In June 2016, Mr. Hood, the Mississippi attorney general, announced an end to the active federal and state investigations into the killings of the civil rights workers, saying it was unlikely that there would be any more convictions. Mr. Gordon, the judge in the murder trial, had died a month earlier.

In its report on the case, presented to Mr. Hood that June, the Justice Department said that in the course of its continuing investigation it sought to interview Mr. Killen in 2012, but that through his lawyer he had refused to speak to federal investigators and continued to maintain that he knew nothing about the murders.

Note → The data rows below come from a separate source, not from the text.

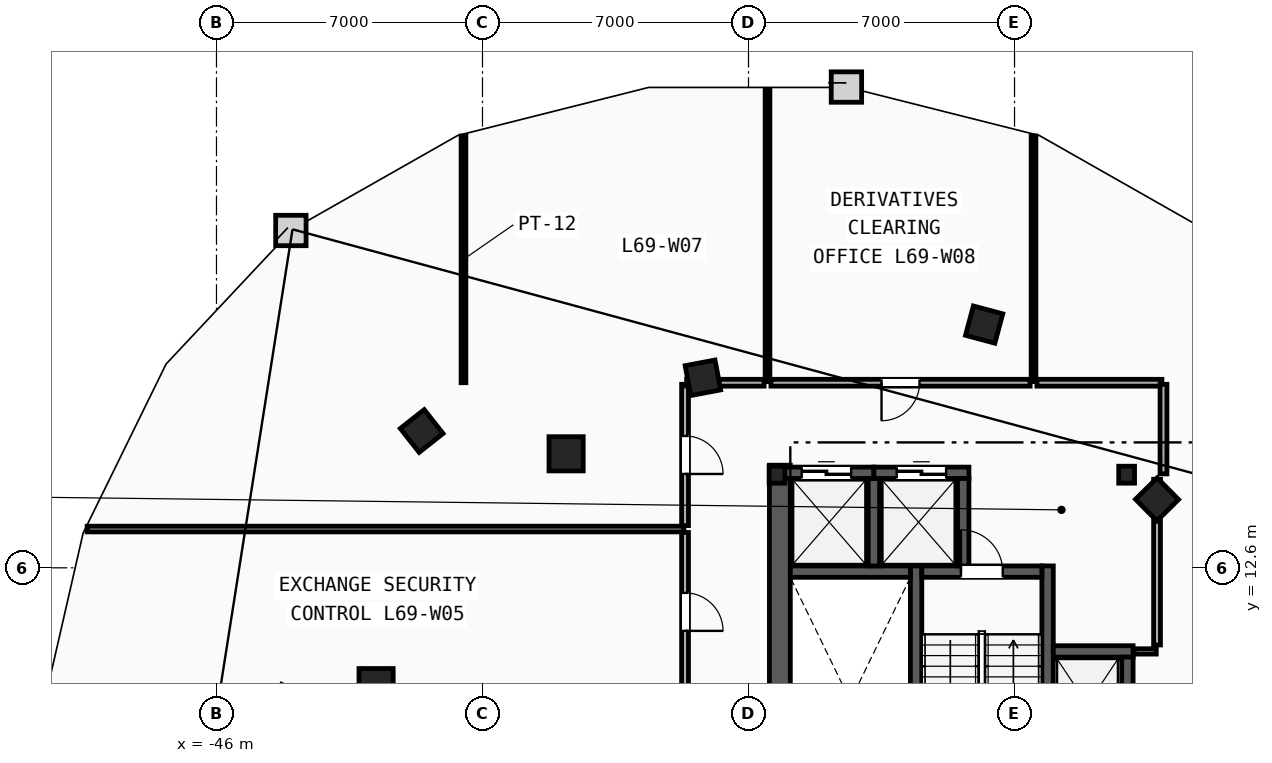
"""IFC4 building model, lengths in metres.
Left out: names, types, materials, properties, quantities, classifications, styles, units other than length and angle.
Written with IfcOpenShell. Run it as: python <this file> out.ifc"""

import sys

from ifc_helpers import new_model, si_unit, direction, frame, frame_2d, origin, origin_2d, place, context, subcontext, project, spatial, rectangle, i_section, extrude, element, fill, save


model = new_model("IFC4")
c1 = context("Model", 3, precision=1e-05, world=origin(), true_north=direction((0.0, 1.0)))
c2 = subcontext(c1, "Body", "Model", "MODEL_VIEW")
j1 = project(units=[si_unit("LENGTHUNIT", "METRE"), si_unit("PLANEANGLEUNIT", "RADIAN")], contexts=[c1])
p1 = place(None, origin())
s1 = spatial("IfcSite", under=j1, at=p1, CompositionType="ELEMENT")
p2 = place(p1, origin())
s2 = spatial("IfcBuilding", under=s1, at=p2, CompositionType="ELEMENT")
p3 = place(p2, frame((0.0, 0.0, 261.2)))
s3 = spatial("IfcBuildingStorey", under=s2, at=p3, CompositionType="ELEMENT", Elevation=261.2)
for number, where, z_axis, x_axis in (
    (1, (-22.05, 15.05, 0.0), (0.0, 0.0, 1.0), (1.0, 0.0, 0.0)),
    (2, (-31.25, 15.05, 0.0), (0.0, 0.0, 1.0), (1.0, 0.0, 0.0)),
):
    element("IfcColumn", number, at=place(p3, frame(where, z_axis=z_axis, x_axis=x_axis)), inside=s3, PredefinedType="COLUMN", context=c2, shape_type="SweptSolid", body=[
        extrude(i_section(OverallWidth=0.416, OverallDepth=0.446, WebThickness=0.039, FlangeThickness=0.063, FilletRadius=0.018, at=origin_2d()), origin(), (0.0, 0.0, 1.0), 3.6),
    ])
for number, where, z_axis, x_axis in (
    (3, (-41.8, 9.5, 0.0), (0.0, 0.0, 1.0), (1.0, 0.0, 0.0)),
    (4, (-36.8, 15.6, 0.0), (0.0, 0.0, 1.0), (1.0, 0.0, 0.0)),
):
    element("IfcColumn", number, at=place(p3, frame(where, z_axis=z_axis, x_axis=x_axis)), inside=s3, PredefinedType="COLUMN", context=c2, shape_type="SweptSolid", body=[
        extrude(rectangle(XDim=0.9, YDim=0.9, at=origin_2d()), origin(), (0.0, 0.0, 1.0), 3.6),
    ])
for number, where, z_axis, x_axis in (
    (5, (-21.25, 14.4, 0.0), (0.0, 0.0, 1.0), (-0.703, 0.711, 0.0)),
    (6, (-25.8, 19.0, 0.0), (0.0, 0.0, 1.0), (-0.966, 0.259, 0.0)),
    (7, (-33.2, 17.6, 0.0), (0.0, 0.0, 1.0), (-0.983, -0.186, 0.0)),
    (8, (-40.6, 16.2, 0.0), (0.0, 0.0, 1.0), (-0.785, -0.619, 0.0)),
):
    element("IfcColumn", number, at=place(p3, frame(where, z_axis=z_axis, x_axis=x_axis)), inside=s3, PredefinedType="COLUMN", context=c2, shape_type="SweptSolid", body=[
        extrude(rectangle(XDim=0.8, YDim=0.8, at=origin_2d()), origin(), (0.0, 0.0, 1.0), 3.6),
    ])
p4 = place(p3, frame((-31.175, 1.97, 0.0), z_axis=(0.0, 0.0, 1.0), x_axis=(0.0, 1.0, 0.0)))
e9 = element("IfcWall", 9, at=p4, inside=s3, PredefinedType="SHEAR", context=c2, shape_type="SweptSolid", body=[
    extrude(rectangle(XDim=13.33, YDim=0.55, at=frame_2d((6.665, 0.0))), origin(), (0.0, 0.0, 1.0), 3.34),
])
for number, where, z_axis, x_axis in (
    (10, (-27.59, 1.97, 0.0), (0.0, 0.0, 1.0), (0.0, 1.0, 0.0)),
    (11, (-24.13, 1.97, 0.0), (0.0, 0.0, 1.0), (0.0, 1.0, 0.0)),
):
    element("IfcWall", number, at=place(p3, frame(where, z_axis=z_axis, x_axis=x_axis)), inside=s3, PredefinedType="SHEAR", context=c2, shape_type="SweptSolid", body=[
        extrude(rectangle(XDim=10.68, YDim=0.3, at=frame_2d((5.34, 0.0))), origin(), (0.0, 0.0, 1.0), 3.34),
    ])
p5 = place(p3, frame((-30.9, 12.5, 0.0), z_axis=(0.0, 0.0, 1.0), x_axis=(1.0, 0.0, 0.0)))
e12 = element("IfcWall", 12, at=p5, inside=s3, PredefinedType="SHEAR", context=c2, shape_type="SweptSolid", body=[
    extrude(rectangle(XDim=3.16, YDim=0.3, at=frame_2d((1.58, 0.0))), origin(), (0.0, 0.0, 1.0), 3.34),
])
p6 = place(p3, frame((-27.44, 12.5, 0.0), z_axis=(0.0, 0.0, 1.0), x_axis=(1.0, 0.0, 0.0)))
e13 = element("IfcWall", 13, at=p6, inside=s3, PredefinedType="SHEAR", context=c2, shape_type="SweptSolid", body=[
    extrude(rectangle(XDim=3.16, YDim=0.3, at=frame_2d((1.58, 0.0))), origin(), (0.0, 0.0, 1.0), 3.34),
])
p7 = place(p6, frame((1.03, 0.0, 0.0)))
e14 = element("IfcOpeningElement", 14, at=p7, cuts=e13, PredefinedType="OPENING", context=c2, shape_type="SweptSolid", body=[
    extrude(rectangle(XDim=1.1, YDim=2.15, at=frame_2d((0.55, 1.075))), frame((0.0, 0.16, 0.0), z_axis=(0.0, -1.0, 0.0), x_axis=(1.0, 0.0, 0.0)), (0.0, 0.0, 1.0), 0.32),
])
p8 = place(p3, frame((-23.98, 10.4, 0.0), z_axis=(0.0, 0.0, 1.0), x_axis=(1.0, 0.0, 0.0)))
e15 = element("IfcWall", 15, at=p8, inside=s3, PredefinedType="SHEAR", context=c2, shape_type="SweptSolid", body=[
    extrude(rectangle(XDim=2.1, YDim=0.3, at=frame_2d((1.05, 0.0))), origin(), (0.0, 0.0, 1.0), 3.34),
])
p9 = place(p3, frame((-22.03, 7.75, 0.0), z_axis=(0.0, 0.0, 1.0), x_axis=(0.0, 1.0, 0.0)))
e16 = element("IfcWall", 16, at=p9, inside=s3, PredefinedType="SHEAR", context=c2, shape_type="SweptSolid", body=[
    extrude(rectangle(XDim=2.5, YDim=0.3, at=frame_2d((1.25, 0.0))), origin(), (0.0, 0.0, 1.0), 3.34),
])
p10 = place(p3, frame((-31.2, 15.1, 0.0), z_axis=(0.0, 0.0, 1.0), x_axis=(1.0, 0.0, 0.0)))
e17 = element("IfcWall", 17, at=p10, inside=s3, PredefinedType="SHEAR", context=c2, shape_type="SweptSolid", body=[
    extrude(rectangle(XDim=2.5, YDim=0.3, at=frame_2d((1.25, 0.0))), origin(), (0.0, 0.0, 1.0), 3.34),
])
p11 = place(p10, frame((0.6, 0.0, 0.0)))
e18 = element("IfcOpeningElement", 18, at=p11, cuts=e17, PredefinedType="OPENING", context=c2, shape_type="SweptSolid", body=[
    extrude(rectangle(XDim=1.3, YDim=2.2, at=frame_2d((0.65, 1.1))), frame((0.0, 0.16, 0.0), z_axis=(0.0, -1.0, 0.0), x_axis=(1.0, 0.0, 0.0)), (0.0, 0.0, 1.0), 0.32),
])
p12 = place(p3, frame((-28.7, 12.65, 0.0), z_axis=(0.0, 0.0, 1.0), x_axis=(0.0, 1.0, 0.0)))
e19 = element("IfcWall", 19, at=p12, inside=s3, PredefinedType="SHEAR", context=c2, shape_type="SweptSolid", body=[
    extrude(rectangle(XDim=2.3, YDim=0.3, at=frame_2d((1.15, 0.0))), origin(), (0.0, 0.0, 1.0), 3.34),
])
p13 = place(p3, frame((-28.7, 15.1, 0.0), z_axis=(0.0, 0.0, 1.0), x_axis=(1.0, 0.0, 0.0)))
e20 = element("IfcWall", 20, at=p13, inside=s3, PredefinedType="SHEAR", context=c2, shape_type="SweptSolid", body=[
    extrude(rectangle(XDim=2.5, YDim=0.3, at=frame_2d((1.25, 0.0))), origin(), (0.0, 0.0, 1.0), 3.34),
])
p14 = place(p13, frame((0.6, 0.0, 0.0)))
e21 = element("IfcOpeningElement", 21, at=p14, cuts=e20, PredefinedType="OPENING", context=c2, shape_type="SweptSolid", body=[
    extrude(rectangle(XDim=1.3, YDim=2.2, at=frame_2d((0.65, 1.1))), frame((0.0, 0.16, 0.0), z_axis=(0.0, -1.0, 0.0), x_axis=(1.0, 0.0, 0.0)), (0.0, 0.0, 1.0), 0.32),
])
p15 = place(p3, frame((-26.35, 12.65, 0.0), z_axis=(0.0, 0.0, 1.0), x_axis=(0.0, 1.0, 0.0)))
e22 = element("IfcWall", 22, at=p15, inside=s3, PredefinedType="SHEAR", context=c2, shape_type="SweptSolid", body=[
    extrude(rectangle(XDim=2.3, YDim=0.3, at=frame_2d((1.15, 0.0))), origin(), (0.0, 0.0, 1.0), 3.34),
])
p16 = place(p3, frame((-21.86, 10.4, 0.0), z_axis=(0.0, 0.0, 1.0), x_axis=(1.0, 0.0, 0.0)))
e23 = element("IfcWall", 23, at=p16, inside=s3, PredefinedType="PARTITIONING", context=c2, shape_type="SweptSolid", body=[
    extrude(rectangle(XDim=0.59, YDim=0.14, at=frame_2d((0.295, 0.0))), origin(), (0.0, 0.0, 1.0), 3.34),
])
p17 = place(p3, frame((-21.25, 10.57, 0.0), z_axis=(0.0, 0.0, 1.0), x_axis=(0.0, 1.0, 0.0)))
e24 = element("IfcWall", 24, at=p17, inside=s3, PredefinedType="PARTITIONING", context=c2, shape_type="SweptSolid", body=[
    extrude(rectangle(XDim=4.36, YDim=0.18, at=frame_2d((2.18, 0.0))), origin(), (0.0, 0.0, 1.0), 3.34),
])
p18 = place(p3, frame((-49.404, 13.62, 0.0), z_axis=(0.0, 0.0, 1.0), x_axis=(1.0, 0.0, 0.0)))
e25 = element("IfcWall", 25, at=p18, inside=s3, PredefinedType="PARTITIONING", context=c2, shape_type="SweptSolid", body=[
    extrude(rectangle(XDim=15.704, YDim=0.15, at=frame_2d((7.852, 0.0))), origin(), (0.0, 0.0, 1.0), 3.34),
])
p19 = place(p3, frame((-39.5, 17.47, 0.0), z_axis=(0.0, 0.0, 1.0), x_axis=(0.0, 1.0, 0.0)))
e26 = element("IfcWall", 26, at=p19, inside=s3, PredefinedType="PARTITIONING", context=c2, shape_type="SweptSolid", body=[
    extrude(rectangle(XDim=6.493, YDim=0.125, at=frame_2d((3.246, 0.0))), origin(), (0.0, 0.0, 1.0), 3.34),
])
p20 = place(p3, frame((-31.5, 17.5, 0.0), z_axis=(0.0, 0.0, 1.0), x_axis=(0.0, 1.0, 0.0)))
e27 = element("IfcWall", 27, at=p20, inside=s3, PredefinedType="PARTITIONING", context=c2, shape_type="SweptSolid", body=[
    extrude(rectangle(XDim=7.69, YDim=0.125, at=frame_2d((3.845, 0.0))), origin(), (0.0, 0.0, 1.0), 3.34),
])
p21 = place(p3, frame((-24.5, 17.5, 0.0), z_axis=(0.0, 0.0, 1.0), x_axis=(0.0, 1.0, 0.0)))
e28 = element("IfcWall", 28, at=p21, inside=s3, PredefinedType="PARTITIONING", context=c2, shape_type="SweptSolid", body=[
    extrude(rectangle(XDim=6.463, YDim=0.125, at=frame_2d((3.231, 0.0))), origin(), (0.0, 0.0, 1.0), 3.34),
])
p22 = place(p3, frame((-33.67, 13.53, 0.0), z_axis=(0.0, 0.0, 1.0), x_axis=(0.0, -1.0, 0.0)))
e29 = element("IfcWall", 29, at=p22, inside=s3, PredefinedType="PARTITIONING", context=c2, shape_type="SweptSolid", body=[
    extrude(rectangle(XDim=4.179, YDim=0.18, at=frame_2d((2.089, 0.0))), origin(), (0.0, 0.0, 1.0), 3.34),
])
p23 = place(p22, frame((1.589, 0.0, 0.0)))
e30 = element("IfcOpeningElement", 30, at=p23, cuts=e29, PredefinedType="OPENING", context=c2, shape_type="SweptSolid", body=[
    extrude(rectangle(XDim=1.0, YDim=2.15, at=frame_2d((0.5, 1.075))), frame((0.0, 0.1, 0.0), z_axis=(0.0, -1.0, 0.0), x_axis=(1.0, 0.0, 0.0)), (0.0, 0.0, 1.0), 0.2),
])
p24 = place(p3, frame((-21.122, 17.47, 0.0), z_axis=(0.0, 0.0, 1.0), x_axis=(-1.0, 0.0, 0.0)))
e31 = element("IfcWall", 31, at=p24, inside=s3, PredefinedType="PARTITIONING", context=c2, shape_type="SweptSolid", body=[
    extrude(rectangle(XDim=3.288, YDim=0.18, at=frame_2d((1.644, 0.0))), origin(), (0.0, 0.0, 1.0), 3.34),
])
p25 = place(p3, frame((-21.08, 15.072, 0.0), z_axis=(0.0, 0.0, 1.0), x_axis=(0.0, 1.0, 0.0)))
e32 = element("IfcWall", 32, at=p25, inside=s3, PredefinedType="PARTITIONING", context=c2, shape_type="SweptSolid", body=[
    extrude(rectangle(XDim=2.357, YDim=0.18, at=frame_2d((1.178, 0.0))), origin(), (0.0, 0.0, 1.0), 3.34),
])
p26 = place(p3, frame((-33.67, 17.428, 0.0), z_axis=(0.0, 0.0, 1.0), x_axis=(0.0, -1.0, 0.0)))
e33 = element("IfcWall", 33, at=p26, inside=s3, PredefinedType="PARTITIONING", context=c2, shape_type="SweptSolid", body=[
    extrude(rectangle(XDim=3.719, YDim=0.18, at=frame_2d((1.859, 0.0))), origin(), (0.0, 0.0, 1.0), 3.34),
])
p27 = place(p26, frame((1.359, 0.0, 0.0)))
e34 = element("IfcOpeningElement", 34, at=p27, cuts=e33, PredefinedType="OPENING", context=c2, shape_type="SweptSolid", body=[
    extrude(rectangle(XDim=1.0, YDim=2.15, at=frame_2d((0.5, 1.075))), frame((0.0, 0.1, 0.0), z_axis=(0.0, -1.0, 0.0), x_axis=(1.0, 0.0, 0.0)), (0.0, 0.0, 1.0), 0.2),
])
p28 = place(p3, frame((-31.59, 17.47, 0.0), z_axis=(0.0, 0.0, 1.0), x_axis=(-1.0, 0.0, 0.0)))
e35 = element("IfcWall", 35, at=p28, inside=s3, PredefinedType="PARTITIONING", context=c2, shape_type="SweptSolid", body=[
    extrude(rectangle(XDim=2.038, YDim=0.18, at=frame_2d((1.019, 0.0))), origin(), (0.0, 0.0, 1.0), 3.34),
])
p29 = place(p3, frame((-24.59, 17.47, 0.0), z_axis=(0.0, 0.0, 1.0), x_axis=(-1.0, 0.0, 0.0)))
e36 = element("IfcWall", 36, at=p29, inside=s3, PredefinedType="PARTITIONING", context=c2, shape_type="SweptSolid", body=[
    extrude(rectangle(XDim=6.82, YDim=0.18, at=frame_2d((3.41, 0.0))), origin(), (0.0, 0.0, 1.0), 3.34),
])
p30 = place(p29, frame((2.91, 0.0, 0.0)))
e37 = element("IfcOpeningElement", 37, at=p30, cuts=e36, PredefinedType="OPENING", context=c2, shape_type="SweptSolid", body=[
    extrude(rectangle(XDim=1.0, YDim=2.15, at=frame_2d((0.5, 1.075))), frame((0.0, 0.1, 0.0), z_axis=(0.0, -1.0, 0.0), x_axis=(1.0, 0.0, 0.0)), (0.0, 0.0, 1.0), 0.2),
])
p31 = place(p7, origin())
e38 = element("IfcDoor", 38, at=p31, inside=s3, OperationType="SINGLE_SWING_LEFT", PredefinedType="DOOR", context=c2, shape_type="SweptSolid", body=[
    extrude(rectangle(XDim=1.1, YDim=2.15, at=frame_2d((0.55, 1.075))), frame((0.0, 0.025, 0.0), z_axis=(0.0, -1.0, 0.0), x_axis=(1.0, 0.0, 0.0)), (0.0, 0.0, 1.0), 0.05),
])
fill(e14, e38)
p32 = place(p11, origin())
e39 = element("IfcDoor", 39, at=p32, inside=s3, OperationType="SLIDING_TO_LEFT", PredefinedType="TRAPDOOR", context=c2, shape_type="SweptSolid", body=[
    extrude(rectangle(XDim=1.3, YDim=2.2, at=frame_2d((0.65, 1.1))), frame((0.0, 0.025, 0.0), z_axis=(0.0, -1.0, 0.0), x_axis=(1.0, 0.0, 0.0)), (0.0, 0.0, 1.0), 0.05),
])
fill(e18, e39)
p33 = place(p14, origin())
e40 = element("IfcDoor", 40, at=p33, inside=s3, OperationType="SLIDING_TO_LEFT", PredefinedType="TRAPDOOR", context=c2, shape_type="SweptSolid", body=[
    extrude(rectangle(XDim=1.3, YDim=2.2, at=frame_2d((0.65, 1.1))), frame((0.0, 0.025, 0.0), z_axis=(0.0, -1.0, 0.0), x_axis=(1.0, 0.0, 0.0)), (0.0, 0.0, 1.0), 0.05),
])
fill(e21, e40)
p34 = place(p30, origin())
e41 = element("IfcDoor", 41, at=p34, inside=s3, OperationType="SINGLE_SWING_RIGHT", PredefinedType="DOOR", context=c2, shape_type="SweptSolid", body=[
    extrude(rectangle(XDim=1.0, YDim=2.15, at=frame_2d((0.5, 1.075))), frame((0.0, 0.025, 0.0), z_axis=(0.0, -1.0, 0.0), x_axis=(1.0, 0.0, 0.0)), (0.0, 0.0, 1.0), 0.05),
])
fill(e37, e41)
p35 = place(p23, origin())
e42 = element("IfcDoor", 42, at=p35, inside=s3, OperationType="SINGLE_SWING_RIGHT", PredefinedType="DOOR", context=c2, shape_type="SweptSolid", body=[
    extrude(rectangle(XDim=1.0, YDim=2.15, at=frame_2d((0.5, 1.075))), frame((0.0, 0.025, 0.0), z_axis=(0.0, -1.0, 0.0), x_axis=(1.0, 0.0, 0.0)), (0.0, 0.0, 1.0), 0.05),
])
fill(e30, e42)
p36 = place(p27, origin())
e43 = element("IfcDoor", 43, at=p36, inside=s3, OperationType="SINGLE_SWING_RIGHT", PredefinedType="DOOR", context=c2, shape_type="SweptSolid", body=[
    extrude(rectangle(XDim=1.0, YDim=2.15, at=frame_2d((0.5, 1.075))), frame((0.0, 0.025, 0.0), z_axis=(0.0, -1.0, 0.0), x_axis=(1.0, 0.0, 0.0)), (0.0, 0.0, 1.0), 0.05),
])
fill(e34, e43)
save(model, sys.argv[1])

“Any time a person passes, their family grieves,” Andrew Goodman’s brother, David, told The Clarion-Ledger. “However, in the case of Edgar Ray Killen, he belongs to a bigger part of American history, where white supremacists took black lives with impunity.”

When Mr. Killen was convicted of manslaughter, Jim Prince, the editor of the weekly newspaper The Neshoba Democrat, said that a collective burden had been lifted on a once-infamous corner of Mississippi.

“Finally, finally, finally,” Mr. Prince said. “This certainly sends a message, I think, to the criminals and to the thugs that justice reigns in Neshoba County, unlike 41 years ago.”

Correction: January 12, 2018

An earlier version of this obituary misstated the location of the prison in Mississippi where Mr. Killen died. It is in Parchman, not Jackson.